Beware of Australians bearing gifts

The PLAID (Protocol for Lightweight Authentication of Identity) cryptography kit appears to be insecure.

PLAID is a homebrew cryptography system designed by Centrelink - the Australian government agency that shovels out tens of billions a year in welfare payments. The system has been considered for use by US government agencies.

The software offers a means of contactless authentication using smart cards and is designed not to leak identities to scammers with dodgy card readers.

The newly-disclosed flaws from researchers at the University of Royal Holloway and TU Darmstadt (PDF) allow an attacker to fuzz cards in order to generate error messages. Attackers armed with a bushel of error messages could identify individual identity numbers.

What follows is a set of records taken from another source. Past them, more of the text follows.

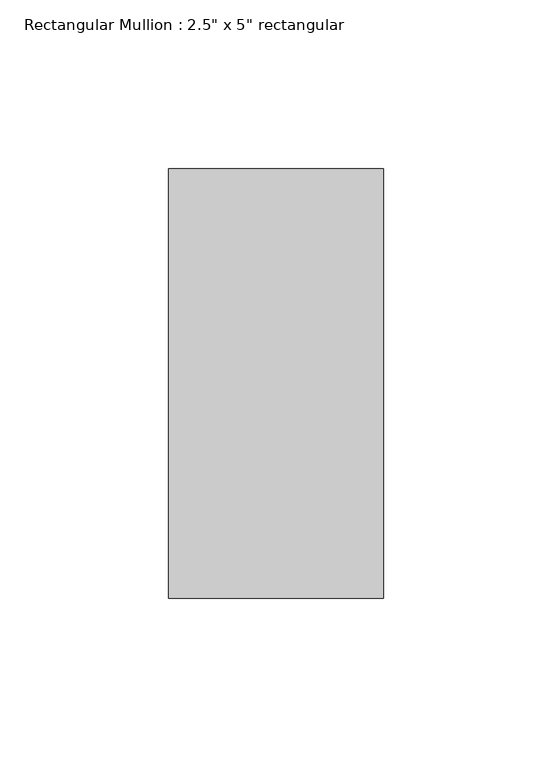
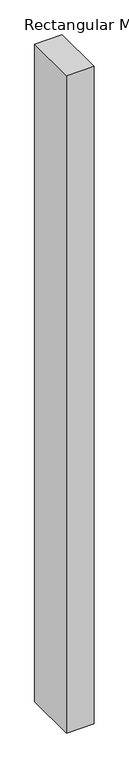
"""IFC4 building model written with IfcOpenShell, lengths in millimetres: member geometry."""

from ifc_helpers import new_model, si_unit, frame, origin, place, context, project, spatial, polyline, outline, extrude, source, transform, mapped, element, save


def member_46a214c3(model_context):
    return source(origin(), model_context, "Body", "SweptSolid", [
        extrude(outline(polyline([(0.0, 63.5), (0.0, -63.5), (-63.5, -63.5), (-63.5, 63.5), (0.0, 63.5)])), frame((0.0, 0.0, -1607.0454815), z_axis=(0.0, 0.0, 1.0), x_axis=(1.0, 0.0, 0.0)), (0.0, 0.0, 1.0), 1607.0454815),
    ])


if __name__ == "__main__":
    model = new_model("IFC4")
    model_context = context("Model", 3, world=origin())
    ifc_project = project(units=[si_unit("LENGTHUNIT", "METRE", prefix="MILLI")], contexts=[model_context])
    site = spatial("IfcSite", under=ifc_project)
    building = spatial("IfcBuilding", under=site)
    placement = place(None, origin())
    member_shape = member_46a214c3(model_context)
    element("IfcMember", 1, ObjectType="Rectangular Mullion : 2.5\" x 5\" rectangular", at=placement, inside=building, context=model_context, shape_type="MappedRepresentation", body=[
        mapped(member_shape, transform((0.0, 0.0, 0.0), x_axis=(1.0, 0.0, 0.0), y_axis=(0.0, 1.0, 0.0), z_axis=(0.0, 0.0, 1.0))),
    ])
    save(model, "model.ifc")

# Revit data of these elements
# Type "Rectangular Mullion : 2.5\" x 5\" rectangular"
#   built-in parameter 1007304 = 0.416667 (stored number, unit not read)
#   built-in parameter 1007301 = 0.104167 (stored number, unit not read)
#   built-in parameter 1007300 = 0.104167 (stored number, unit not read)
# Element 1 (IfcMember, "Rectangular Mullion : 2.5\" x 5\" rectangular")
#   Materials on its faces: "Aluminum"
# Materials
#   "Aluminum": class "Metal", colour RGB 247 247 247, transparency 0, Description = "Aluminum 6061", Cost = 0

Further problems identified included a lack of RSA padding leaving certain implementations of PLAID open RSA signature cloning in a mode similar to Bleichenbacher's attack, the team of eight cryptographers from the universities found.

"I figure if someone has to use 'free' to lure you in the door, there's a good chance they're waiting on the other side with a hammer and a bottle of chloroform, or whatever the cryptographic equivalent might be," Matthew Green said of a PLAID story broken by this correspondent in a previous life.

"A quick look at PLAID didn't disappoint. The designers used ECB like it was going out of style; did unadvisable things with RSA encryption, and that was only the beginning."

Green offered a concise analysis of the recent university paper A Cryptographic Analysis of an ISO-standards-track Authentication Protocol.

"As well as reporting a number of undesirable cryptographic features of the protocol, we show that the privacy properties of PLAID are significantly weaker than claimed: using a variety of techniques we can fingerprint and then later identify cards," the researchers wrote. "These techniques involve a novel application of standard statistical and data analysis techniques in cryptography."

Attackers could ascertain a user identity by running a variation of the mathematical equation allies used in World War two to accurately establish the number of Nazi tanks in production.

In short, attackers can run at least a thousand scans on a PLAID card where a reader would request possibly absurd information such as the user's favourite nursery in order to generate errors.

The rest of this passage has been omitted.